ALL THIS IS MY PERSONAL OPINION AND SOME MAY HAVE DIFFERENT OPINIONS AND NO ONES IS MORE CORRECT THEN OTHERS, ITS JUST PERSONAL VIEWS AND OPINIONS

FRANKIE


----------



## FRANKIE COWEN (Jun 3, 2008)

When i generilize im saying more often than not, a overall not everyone or everytime.


----------



## FRANKIE COWEN (Jun 3, 2008)

and for the record , i am NOT a fan of gaurd dog companies, i have heard way to many horrible things happen to gaurd dogs over the years when people really wanted to get into a place, dogs shot set on fire posioned i really dont like gaurd dog services, i rather see the company needing to protect there place hire a manned k9 team, least some one can protect the dog from situtions like these,


----------



## Derek Milliken (Apr 19, 2009)

To the OP, 
If you're getting someone elses dogs, already trained, why not ask him what they can do/are trained for? Maybe even go watch a few training sessions?


----------



## Joby Becker (Dec 13, 2009)

FRANKIE COWEN said:


> yes ur correct joby i was generalizing. but they must carry some fear to give the impression they will come to mess u up, and the fear is one that can come out with aggression to a a untrained eye, some times a over confident dog in a gaurd dog sitution is not the best, "ok i will just wait for you to come in then walk up calm and confident and bite ya," vs a fearfull gaurd dog wooof woof woof teath go away ill kill you go away, this is again generalizing, not all but overall key to gaurd dogs is keep the unwanted out, not hope they get in and get a bite, its more of a deterent then anything, Thats the reason for gaurd dogs keep the unwanted out in the first place, One of the best deterents behind a fence is a fear full dog, you know joby like in a street fight the one who makes the most noise usaully isnt the best fighter . the one who is calm confident lets go out back in 15 minutes, 9 times out of ten is the better fighter he has the confidence in his own abilty, if im trying to scare people away from my locked at night facity, who is the one to keep most away , the noisy one also the noisy fearfull (to a point ) aggressive dog will keep the kids out who were just being kids and climb tthe fence but really werent trying to do harm , and i dont want some young kid being a kid getting bit , so if i have my confident dog in the yard not making a huge scene those kids may be like that dog isnt even being me i dare u to go in, a noisy teeth showing one will keep that kid out and save him from a bite over kids being kids,
> this is a generaltion cause i had some good dogs have been extremmly confident and excellent gaurd dogs when i was younger and spent many nights on my buddy truck repair yard,
> 
> ALL THIS IS MY PERSONAL OPINION AND SOME MAY HAVE DIFFERENT OPINIONS AND NO ONES IS MORE CORRECT THEN OTHERS, ITS JUST PERSONAL VIEWS AND OPINIONS
> ...


Just pointing that out... MOST of them are fearful...not all. and they are alot cheaper and easier to find (fearful dogs)

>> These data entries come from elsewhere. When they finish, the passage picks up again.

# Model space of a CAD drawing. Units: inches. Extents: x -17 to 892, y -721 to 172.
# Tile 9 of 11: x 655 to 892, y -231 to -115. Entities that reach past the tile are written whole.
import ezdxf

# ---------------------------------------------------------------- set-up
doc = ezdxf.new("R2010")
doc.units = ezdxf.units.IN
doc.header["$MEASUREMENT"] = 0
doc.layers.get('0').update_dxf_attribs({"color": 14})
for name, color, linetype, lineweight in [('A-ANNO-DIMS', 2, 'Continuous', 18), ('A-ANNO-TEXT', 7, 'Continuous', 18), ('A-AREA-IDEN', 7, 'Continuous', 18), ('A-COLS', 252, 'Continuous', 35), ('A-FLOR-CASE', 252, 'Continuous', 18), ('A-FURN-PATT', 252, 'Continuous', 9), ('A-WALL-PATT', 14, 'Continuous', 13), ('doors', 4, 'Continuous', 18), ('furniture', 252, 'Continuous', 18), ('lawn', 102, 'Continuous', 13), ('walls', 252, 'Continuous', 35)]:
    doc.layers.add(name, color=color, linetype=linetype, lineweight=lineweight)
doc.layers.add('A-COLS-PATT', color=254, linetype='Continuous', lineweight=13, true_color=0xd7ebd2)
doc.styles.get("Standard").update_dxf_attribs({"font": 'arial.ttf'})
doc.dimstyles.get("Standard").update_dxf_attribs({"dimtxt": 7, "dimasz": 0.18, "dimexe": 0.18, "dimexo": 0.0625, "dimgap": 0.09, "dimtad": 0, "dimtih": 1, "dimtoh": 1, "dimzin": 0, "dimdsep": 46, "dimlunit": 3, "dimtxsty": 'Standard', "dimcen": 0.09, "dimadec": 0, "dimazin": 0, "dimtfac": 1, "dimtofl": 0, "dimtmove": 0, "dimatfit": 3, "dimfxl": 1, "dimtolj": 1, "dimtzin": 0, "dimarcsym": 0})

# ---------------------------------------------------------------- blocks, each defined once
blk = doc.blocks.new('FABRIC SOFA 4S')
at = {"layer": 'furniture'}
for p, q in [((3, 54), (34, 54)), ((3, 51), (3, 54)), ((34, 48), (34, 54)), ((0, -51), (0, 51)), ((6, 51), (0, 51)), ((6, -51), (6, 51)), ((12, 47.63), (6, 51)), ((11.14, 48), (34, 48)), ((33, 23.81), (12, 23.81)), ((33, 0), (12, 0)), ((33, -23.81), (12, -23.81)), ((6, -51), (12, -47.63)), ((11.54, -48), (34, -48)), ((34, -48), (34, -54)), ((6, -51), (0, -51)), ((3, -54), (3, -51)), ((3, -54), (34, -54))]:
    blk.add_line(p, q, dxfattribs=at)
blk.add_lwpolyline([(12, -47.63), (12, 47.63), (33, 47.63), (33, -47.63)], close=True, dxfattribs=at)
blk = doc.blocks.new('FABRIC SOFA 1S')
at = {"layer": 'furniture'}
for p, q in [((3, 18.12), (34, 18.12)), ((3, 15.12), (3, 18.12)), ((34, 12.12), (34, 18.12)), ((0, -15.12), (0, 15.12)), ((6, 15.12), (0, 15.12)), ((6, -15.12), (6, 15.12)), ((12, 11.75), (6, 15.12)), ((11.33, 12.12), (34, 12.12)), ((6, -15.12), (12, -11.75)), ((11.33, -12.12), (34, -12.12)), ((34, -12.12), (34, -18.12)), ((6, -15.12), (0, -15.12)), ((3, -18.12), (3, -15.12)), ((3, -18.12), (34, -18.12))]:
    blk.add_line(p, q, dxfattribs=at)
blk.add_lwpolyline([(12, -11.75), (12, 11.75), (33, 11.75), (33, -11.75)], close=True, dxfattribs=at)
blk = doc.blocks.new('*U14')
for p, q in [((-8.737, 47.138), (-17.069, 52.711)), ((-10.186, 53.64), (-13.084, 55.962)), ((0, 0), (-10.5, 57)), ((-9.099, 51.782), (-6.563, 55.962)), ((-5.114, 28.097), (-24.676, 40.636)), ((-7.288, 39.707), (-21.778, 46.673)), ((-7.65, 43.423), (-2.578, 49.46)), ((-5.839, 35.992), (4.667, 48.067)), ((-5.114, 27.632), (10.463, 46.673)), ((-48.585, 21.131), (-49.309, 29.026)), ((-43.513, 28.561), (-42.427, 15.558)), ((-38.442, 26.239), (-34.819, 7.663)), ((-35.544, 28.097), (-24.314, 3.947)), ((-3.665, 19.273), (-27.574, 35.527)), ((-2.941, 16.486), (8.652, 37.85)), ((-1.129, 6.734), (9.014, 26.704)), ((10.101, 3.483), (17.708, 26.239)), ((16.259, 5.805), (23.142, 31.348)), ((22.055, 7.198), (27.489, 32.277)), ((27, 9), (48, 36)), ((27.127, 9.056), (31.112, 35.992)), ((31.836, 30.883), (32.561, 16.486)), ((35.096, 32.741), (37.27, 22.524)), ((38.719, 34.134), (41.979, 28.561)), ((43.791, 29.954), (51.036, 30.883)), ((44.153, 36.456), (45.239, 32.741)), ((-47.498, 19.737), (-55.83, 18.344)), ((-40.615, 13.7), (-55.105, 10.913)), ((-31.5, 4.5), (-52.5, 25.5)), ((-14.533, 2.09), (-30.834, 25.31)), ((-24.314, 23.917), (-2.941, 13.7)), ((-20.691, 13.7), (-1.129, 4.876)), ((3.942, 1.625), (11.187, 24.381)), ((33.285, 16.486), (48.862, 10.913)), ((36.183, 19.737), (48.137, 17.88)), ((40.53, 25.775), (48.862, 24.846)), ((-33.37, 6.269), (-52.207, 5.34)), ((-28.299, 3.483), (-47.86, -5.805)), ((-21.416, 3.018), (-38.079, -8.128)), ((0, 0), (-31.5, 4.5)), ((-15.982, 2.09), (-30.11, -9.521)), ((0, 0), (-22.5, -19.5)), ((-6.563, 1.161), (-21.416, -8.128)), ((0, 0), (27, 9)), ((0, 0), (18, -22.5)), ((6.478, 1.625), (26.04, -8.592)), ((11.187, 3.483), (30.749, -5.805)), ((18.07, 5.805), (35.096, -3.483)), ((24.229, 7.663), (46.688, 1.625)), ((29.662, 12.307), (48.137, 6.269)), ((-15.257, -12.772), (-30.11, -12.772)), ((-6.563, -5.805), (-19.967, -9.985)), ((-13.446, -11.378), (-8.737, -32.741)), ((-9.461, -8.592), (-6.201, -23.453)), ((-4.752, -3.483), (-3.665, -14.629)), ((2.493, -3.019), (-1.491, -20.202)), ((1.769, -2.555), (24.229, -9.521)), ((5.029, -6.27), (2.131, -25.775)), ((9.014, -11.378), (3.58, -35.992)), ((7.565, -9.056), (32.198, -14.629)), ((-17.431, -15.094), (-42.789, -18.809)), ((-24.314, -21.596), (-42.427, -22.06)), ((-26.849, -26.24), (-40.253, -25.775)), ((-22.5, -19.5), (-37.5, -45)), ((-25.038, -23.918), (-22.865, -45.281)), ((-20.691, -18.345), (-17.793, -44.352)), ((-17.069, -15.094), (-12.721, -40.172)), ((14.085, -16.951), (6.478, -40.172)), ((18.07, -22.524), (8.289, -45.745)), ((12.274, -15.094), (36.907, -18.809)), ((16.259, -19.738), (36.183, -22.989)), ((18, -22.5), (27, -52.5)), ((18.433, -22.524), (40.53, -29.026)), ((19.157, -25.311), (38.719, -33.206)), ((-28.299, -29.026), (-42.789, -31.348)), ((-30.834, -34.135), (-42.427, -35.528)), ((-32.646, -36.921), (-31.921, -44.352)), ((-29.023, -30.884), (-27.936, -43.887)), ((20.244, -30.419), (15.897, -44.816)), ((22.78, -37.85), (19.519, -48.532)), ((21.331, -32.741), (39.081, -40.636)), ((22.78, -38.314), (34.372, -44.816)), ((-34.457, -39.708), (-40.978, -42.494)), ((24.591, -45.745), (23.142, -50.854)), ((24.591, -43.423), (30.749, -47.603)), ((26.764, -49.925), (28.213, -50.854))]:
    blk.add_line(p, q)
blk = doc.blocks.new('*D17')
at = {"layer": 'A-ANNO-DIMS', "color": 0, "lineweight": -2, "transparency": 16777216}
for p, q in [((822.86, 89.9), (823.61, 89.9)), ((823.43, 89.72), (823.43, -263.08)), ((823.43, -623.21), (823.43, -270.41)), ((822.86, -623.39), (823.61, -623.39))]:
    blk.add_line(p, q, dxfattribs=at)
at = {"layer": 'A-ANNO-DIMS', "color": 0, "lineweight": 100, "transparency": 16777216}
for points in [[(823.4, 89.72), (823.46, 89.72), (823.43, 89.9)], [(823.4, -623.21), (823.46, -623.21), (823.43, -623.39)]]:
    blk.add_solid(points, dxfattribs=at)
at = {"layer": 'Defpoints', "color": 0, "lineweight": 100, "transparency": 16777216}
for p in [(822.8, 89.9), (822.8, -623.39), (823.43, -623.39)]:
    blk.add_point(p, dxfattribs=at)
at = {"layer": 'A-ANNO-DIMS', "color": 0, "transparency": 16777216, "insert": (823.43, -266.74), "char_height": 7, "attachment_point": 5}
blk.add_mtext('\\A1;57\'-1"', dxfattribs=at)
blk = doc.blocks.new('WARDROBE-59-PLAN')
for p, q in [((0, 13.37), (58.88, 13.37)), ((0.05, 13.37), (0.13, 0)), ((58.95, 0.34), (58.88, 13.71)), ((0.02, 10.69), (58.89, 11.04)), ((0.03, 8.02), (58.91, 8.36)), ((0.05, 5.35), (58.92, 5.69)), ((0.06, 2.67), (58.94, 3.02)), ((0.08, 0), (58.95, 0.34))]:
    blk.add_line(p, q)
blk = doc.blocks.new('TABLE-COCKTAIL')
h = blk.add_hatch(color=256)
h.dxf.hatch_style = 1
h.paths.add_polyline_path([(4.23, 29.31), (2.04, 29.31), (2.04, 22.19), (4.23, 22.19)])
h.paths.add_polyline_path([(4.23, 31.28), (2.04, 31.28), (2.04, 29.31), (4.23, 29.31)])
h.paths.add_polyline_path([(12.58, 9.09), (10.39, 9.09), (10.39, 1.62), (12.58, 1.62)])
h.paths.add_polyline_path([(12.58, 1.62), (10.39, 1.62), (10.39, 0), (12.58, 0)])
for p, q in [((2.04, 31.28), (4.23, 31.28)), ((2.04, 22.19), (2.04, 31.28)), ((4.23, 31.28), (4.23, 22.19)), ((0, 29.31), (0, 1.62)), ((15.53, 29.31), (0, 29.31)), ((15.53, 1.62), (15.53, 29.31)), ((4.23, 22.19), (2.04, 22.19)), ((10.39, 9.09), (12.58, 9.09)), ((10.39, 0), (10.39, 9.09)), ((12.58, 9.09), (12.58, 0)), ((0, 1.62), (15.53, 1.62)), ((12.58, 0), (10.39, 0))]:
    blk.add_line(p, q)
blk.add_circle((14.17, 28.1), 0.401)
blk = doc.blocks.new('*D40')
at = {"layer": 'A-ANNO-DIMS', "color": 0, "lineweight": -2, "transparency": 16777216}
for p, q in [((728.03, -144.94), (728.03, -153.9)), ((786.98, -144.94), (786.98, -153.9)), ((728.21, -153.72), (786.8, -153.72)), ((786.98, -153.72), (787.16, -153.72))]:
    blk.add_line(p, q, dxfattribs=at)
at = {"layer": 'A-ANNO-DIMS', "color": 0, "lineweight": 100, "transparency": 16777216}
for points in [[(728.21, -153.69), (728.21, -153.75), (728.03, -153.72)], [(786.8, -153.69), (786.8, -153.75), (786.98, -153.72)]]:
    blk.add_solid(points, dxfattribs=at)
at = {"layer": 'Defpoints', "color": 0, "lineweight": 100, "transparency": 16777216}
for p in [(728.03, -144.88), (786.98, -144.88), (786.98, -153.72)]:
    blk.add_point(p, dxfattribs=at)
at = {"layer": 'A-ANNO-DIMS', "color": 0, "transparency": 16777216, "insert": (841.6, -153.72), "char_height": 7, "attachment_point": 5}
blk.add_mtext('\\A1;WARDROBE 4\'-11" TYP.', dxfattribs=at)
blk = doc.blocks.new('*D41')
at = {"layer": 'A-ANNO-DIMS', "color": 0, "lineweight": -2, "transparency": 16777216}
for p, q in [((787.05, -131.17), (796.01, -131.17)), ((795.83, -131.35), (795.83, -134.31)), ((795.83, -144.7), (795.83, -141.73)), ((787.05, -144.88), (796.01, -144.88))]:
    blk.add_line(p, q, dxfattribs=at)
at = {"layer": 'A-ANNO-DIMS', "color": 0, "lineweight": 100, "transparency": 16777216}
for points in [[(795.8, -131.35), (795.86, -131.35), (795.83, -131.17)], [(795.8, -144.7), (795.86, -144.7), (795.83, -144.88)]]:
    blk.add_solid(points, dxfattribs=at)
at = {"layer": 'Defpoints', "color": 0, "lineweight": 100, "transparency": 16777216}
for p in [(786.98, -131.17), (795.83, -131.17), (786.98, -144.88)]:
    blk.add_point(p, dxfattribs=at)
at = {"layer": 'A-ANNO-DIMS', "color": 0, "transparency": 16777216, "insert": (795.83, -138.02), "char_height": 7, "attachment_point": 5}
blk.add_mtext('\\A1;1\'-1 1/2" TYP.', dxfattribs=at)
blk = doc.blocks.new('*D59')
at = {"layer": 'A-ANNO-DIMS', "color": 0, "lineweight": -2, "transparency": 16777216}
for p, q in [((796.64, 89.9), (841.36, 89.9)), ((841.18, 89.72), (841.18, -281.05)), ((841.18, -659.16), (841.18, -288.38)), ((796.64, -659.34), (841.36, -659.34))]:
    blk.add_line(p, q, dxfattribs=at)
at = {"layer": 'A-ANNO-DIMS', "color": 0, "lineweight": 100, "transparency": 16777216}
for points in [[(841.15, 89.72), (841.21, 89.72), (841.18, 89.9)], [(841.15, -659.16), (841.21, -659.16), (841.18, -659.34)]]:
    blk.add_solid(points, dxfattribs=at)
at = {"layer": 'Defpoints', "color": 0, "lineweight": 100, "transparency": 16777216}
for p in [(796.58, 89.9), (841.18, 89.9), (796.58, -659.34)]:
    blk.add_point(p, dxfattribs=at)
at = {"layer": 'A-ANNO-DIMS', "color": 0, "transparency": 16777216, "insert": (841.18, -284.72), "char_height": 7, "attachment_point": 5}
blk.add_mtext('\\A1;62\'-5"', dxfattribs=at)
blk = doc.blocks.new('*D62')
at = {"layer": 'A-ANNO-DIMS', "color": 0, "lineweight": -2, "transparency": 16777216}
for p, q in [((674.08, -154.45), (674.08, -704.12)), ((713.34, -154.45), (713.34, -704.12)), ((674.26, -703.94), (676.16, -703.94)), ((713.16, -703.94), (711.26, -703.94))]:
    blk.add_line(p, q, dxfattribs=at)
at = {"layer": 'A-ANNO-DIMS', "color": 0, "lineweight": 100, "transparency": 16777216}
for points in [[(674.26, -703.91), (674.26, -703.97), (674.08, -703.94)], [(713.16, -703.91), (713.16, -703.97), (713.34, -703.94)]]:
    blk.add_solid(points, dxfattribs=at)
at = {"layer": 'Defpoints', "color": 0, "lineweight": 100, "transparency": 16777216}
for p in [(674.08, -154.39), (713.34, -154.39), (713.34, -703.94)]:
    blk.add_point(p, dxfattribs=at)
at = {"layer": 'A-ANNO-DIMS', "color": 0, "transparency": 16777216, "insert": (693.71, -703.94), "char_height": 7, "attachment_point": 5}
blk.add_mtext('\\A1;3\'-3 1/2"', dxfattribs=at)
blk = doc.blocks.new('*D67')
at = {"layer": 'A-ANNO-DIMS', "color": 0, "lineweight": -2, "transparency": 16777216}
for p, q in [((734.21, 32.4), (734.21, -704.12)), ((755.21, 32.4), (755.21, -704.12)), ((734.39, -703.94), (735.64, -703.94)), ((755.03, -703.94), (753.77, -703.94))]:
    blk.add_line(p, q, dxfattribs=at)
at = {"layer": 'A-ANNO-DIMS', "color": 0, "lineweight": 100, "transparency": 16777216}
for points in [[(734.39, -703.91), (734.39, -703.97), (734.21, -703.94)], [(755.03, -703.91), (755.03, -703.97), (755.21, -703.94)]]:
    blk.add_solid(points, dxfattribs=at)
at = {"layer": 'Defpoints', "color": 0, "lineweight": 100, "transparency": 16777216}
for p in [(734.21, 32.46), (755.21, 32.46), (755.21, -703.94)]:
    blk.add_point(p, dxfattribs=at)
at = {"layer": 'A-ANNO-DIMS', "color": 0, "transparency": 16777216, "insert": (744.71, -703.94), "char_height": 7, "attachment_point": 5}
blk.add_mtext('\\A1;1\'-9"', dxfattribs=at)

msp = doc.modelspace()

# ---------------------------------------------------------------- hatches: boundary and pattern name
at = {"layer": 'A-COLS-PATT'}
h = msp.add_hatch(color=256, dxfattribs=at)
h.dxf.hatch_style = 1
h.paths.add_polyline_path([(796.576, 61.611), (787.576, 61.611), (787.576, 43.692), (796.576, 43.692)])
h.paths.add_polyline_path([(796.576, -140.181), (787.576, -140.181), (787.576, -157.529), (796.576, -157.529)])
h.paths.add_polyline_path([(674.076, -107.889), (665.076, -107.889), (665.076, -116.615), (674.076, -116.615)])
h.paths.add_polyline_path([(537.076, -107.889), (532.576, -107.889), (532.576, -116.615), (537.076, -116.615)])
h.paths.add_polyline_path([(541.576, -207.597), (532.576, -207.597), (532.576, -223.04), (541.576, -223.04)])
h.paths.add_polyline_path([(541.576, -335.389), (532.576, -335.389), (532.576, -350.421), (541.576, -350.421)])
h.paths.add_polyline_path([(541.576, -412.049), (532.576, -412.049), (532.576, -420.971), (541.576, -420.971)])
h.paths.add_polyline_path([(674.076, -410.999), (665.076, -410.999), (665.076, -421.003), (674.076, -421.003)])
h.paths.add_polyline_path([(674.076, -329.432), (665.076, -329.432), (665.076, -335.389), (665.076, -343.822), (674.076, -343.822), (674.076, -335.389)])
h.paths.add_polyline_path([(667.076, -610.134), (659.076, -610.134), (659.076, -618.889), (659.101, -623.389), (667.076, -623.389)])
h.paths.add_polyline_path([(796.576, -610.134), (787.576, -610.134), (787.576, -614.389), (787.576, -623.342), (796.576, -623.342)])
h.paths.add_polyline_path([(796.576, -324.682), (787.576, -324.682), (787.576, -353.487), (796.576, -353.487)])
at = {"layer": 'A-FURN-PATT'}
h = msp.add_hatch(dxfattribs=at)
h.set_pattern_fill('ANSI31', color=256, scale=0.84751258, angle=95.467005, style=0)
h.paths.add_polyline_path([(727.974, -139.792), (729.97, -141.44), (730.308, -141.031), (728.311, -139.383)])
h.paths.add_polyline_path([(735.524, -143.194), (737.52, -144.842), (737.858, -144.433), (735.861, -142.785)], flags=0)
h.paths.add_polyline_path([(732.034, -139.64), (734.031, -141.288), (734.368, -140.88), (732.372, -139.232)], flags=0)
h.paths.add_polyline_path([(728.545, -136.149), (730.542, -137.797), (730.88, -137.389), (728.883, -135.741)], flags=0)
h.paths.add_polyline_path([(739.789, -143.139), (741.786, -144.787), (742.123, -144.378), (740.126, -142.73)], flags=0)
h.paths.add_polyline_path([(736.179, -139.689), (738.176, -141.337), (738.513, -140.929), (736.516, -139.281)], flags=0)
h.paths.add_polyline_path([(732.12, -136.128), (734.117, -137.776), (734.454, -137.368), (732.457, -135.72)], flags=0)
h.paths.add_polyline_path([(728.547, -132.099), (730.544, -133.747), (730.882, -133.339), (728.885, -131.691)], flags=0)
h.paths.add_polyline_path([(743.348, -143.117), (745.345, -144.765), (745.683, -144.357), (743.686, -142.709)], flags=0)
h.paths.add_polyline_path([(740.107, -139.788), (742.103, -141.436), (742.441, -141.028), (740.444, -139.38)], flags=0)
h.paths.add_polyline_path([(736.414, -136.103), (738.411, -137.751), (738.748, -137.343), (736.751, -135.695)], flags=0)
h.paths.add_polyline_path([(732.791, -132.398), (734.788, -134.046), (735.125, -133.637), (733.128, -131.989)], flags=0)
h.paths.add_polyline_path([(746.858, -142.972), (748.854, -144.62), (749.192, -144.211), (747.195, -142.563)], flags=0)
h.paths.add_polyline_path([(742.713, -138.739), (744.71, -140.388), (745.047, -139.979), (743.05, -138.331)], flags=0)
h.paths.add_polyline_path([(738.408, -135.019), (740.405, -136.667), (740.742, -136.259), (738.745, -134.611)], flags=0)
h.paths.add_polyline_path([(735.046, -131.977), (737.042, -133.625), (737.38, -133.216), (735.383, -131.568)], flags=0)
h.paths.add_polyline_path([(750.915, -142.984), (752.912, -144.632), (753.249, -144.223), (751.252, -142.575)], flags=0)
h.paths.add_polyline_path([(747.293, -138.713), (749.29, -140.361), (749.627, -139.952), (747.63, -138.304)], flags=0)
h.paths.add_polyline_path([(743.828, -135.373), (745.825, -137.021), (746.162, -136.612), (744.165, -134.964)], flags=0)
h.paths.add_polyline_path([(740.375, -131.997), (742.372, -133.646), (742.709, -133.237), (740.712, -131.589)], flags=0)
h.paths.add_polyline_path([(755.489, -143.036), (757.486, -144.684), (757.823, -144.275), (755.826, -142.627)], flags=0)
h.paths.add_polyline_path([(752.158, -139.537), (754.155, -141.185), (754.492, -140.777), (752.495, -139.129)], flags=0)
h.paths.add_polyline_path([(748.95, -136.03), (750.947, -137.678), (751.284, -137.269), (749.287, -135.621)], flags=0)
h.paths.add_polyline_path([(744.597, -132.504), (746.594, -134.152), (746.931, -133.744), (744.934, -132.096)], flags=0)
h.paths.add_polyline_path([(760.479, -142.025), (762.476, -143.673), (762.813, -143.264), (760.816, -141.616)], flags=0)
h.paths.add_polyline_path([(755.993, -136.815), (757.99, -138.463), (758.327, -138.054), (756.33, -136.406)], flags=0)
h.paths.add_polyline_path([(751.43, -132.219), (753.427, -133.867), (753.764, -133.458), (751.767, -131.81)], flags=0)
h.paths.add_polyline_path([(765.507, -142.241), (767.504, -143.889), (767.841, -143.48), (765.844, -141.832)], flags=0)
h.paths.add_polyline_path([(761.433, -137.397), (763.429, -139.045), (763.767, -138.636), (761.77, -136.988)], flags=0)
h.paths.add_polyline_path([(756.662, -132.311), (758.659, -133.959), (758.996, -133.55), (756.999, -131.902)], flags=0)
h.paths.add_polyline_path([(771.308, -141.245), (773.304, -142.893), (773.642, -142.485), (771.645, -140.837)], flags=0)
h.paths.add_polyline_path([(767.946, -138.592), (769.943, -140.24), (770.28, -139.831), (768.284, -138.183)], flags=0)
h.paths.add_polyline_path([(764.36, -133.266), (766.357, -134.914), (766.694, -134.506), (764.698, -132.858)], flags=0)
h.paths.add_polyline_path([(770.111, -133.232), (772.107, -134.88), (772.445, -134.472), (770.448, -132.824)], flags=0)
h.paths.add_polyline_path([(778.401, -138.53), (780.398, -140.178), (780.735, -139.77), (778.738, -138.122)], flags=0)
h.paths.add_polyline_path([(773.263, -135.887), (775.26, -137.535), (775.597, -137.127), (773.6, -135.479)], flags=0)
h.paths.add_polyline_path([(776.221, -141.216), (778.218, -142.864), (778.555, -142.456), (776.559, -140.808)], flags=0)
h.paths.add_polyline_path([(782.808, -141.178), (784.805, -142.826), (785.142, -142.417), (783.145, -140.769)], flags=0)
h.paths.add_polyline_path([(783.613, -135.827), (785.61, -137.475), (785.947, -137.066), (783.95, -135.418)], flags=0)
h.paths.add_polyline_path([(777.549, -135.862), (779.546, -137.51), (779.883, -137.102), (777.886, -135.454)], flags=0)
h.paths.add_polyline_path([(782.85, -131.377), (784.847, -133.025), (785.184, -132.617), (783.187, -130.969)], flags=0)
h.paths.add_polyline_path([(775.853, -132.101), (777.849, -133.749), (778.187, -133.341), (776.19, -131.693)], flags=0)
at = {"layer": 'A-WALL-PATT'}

a territorial dog that will show aggression to intruders is not in my mind necessarily a weaker, or fearful dog, or un-confident dog automatically..he is territorial....but you get what I mean...

it is a tricky legal business for sure...I would not want to own a GD business.

I did some work for a guy who trained his guard dogs to bite, he also trained them to wait until the people were inside on the property...the thugs in Chicago learned that you can wait for the dog to come to the fence and then throw gas on him and start him on fire...

here it is much different than some other places and cultures...manned security is always better...dogs are just cheaper..


----------



## FRANKIE COWEN (Jun 3, 2008)

i agree with ur last post joby..


----------



## Guest (Dec 1, 2008)

Joby Becker said:


> Just pointing that out... MOST of them are fearful...not all. and they are alot cheaper and easier to find (fearful dogs)
> 
> a territorial dog that will show aggression to intruders is not in my mind necessarily a weaker, or fearful dog, or un-confident dog automatically..he is territorial....but you get what I mean...
> 
> ...


Its really the perception of PP these days, its back yard bitework, no standard, different to everybody, dogs expected to do what? Legalities? It just isn't something that is looked at seriously. Most of that comes from the people who train in it, the majority are also selling these dogs (half ass trained) for 15K+. It just isn't respected and gives the whole PP a bad rap. JMO of course.


----------



## Joby Becker (Dec 13, 2009)

Jody Butler said:


> Its really the perception of PP these days, its back yard bitework, no standard, different to everybody, dogs expected to do what? Legalities? It just isn't something that is looked at seriously. Most of that comes from the people who train in it, the majority are also selling these dogs (half ass trained) for 15K+. It just isn't respected and gives the whole PP a bad rap. JMO of course.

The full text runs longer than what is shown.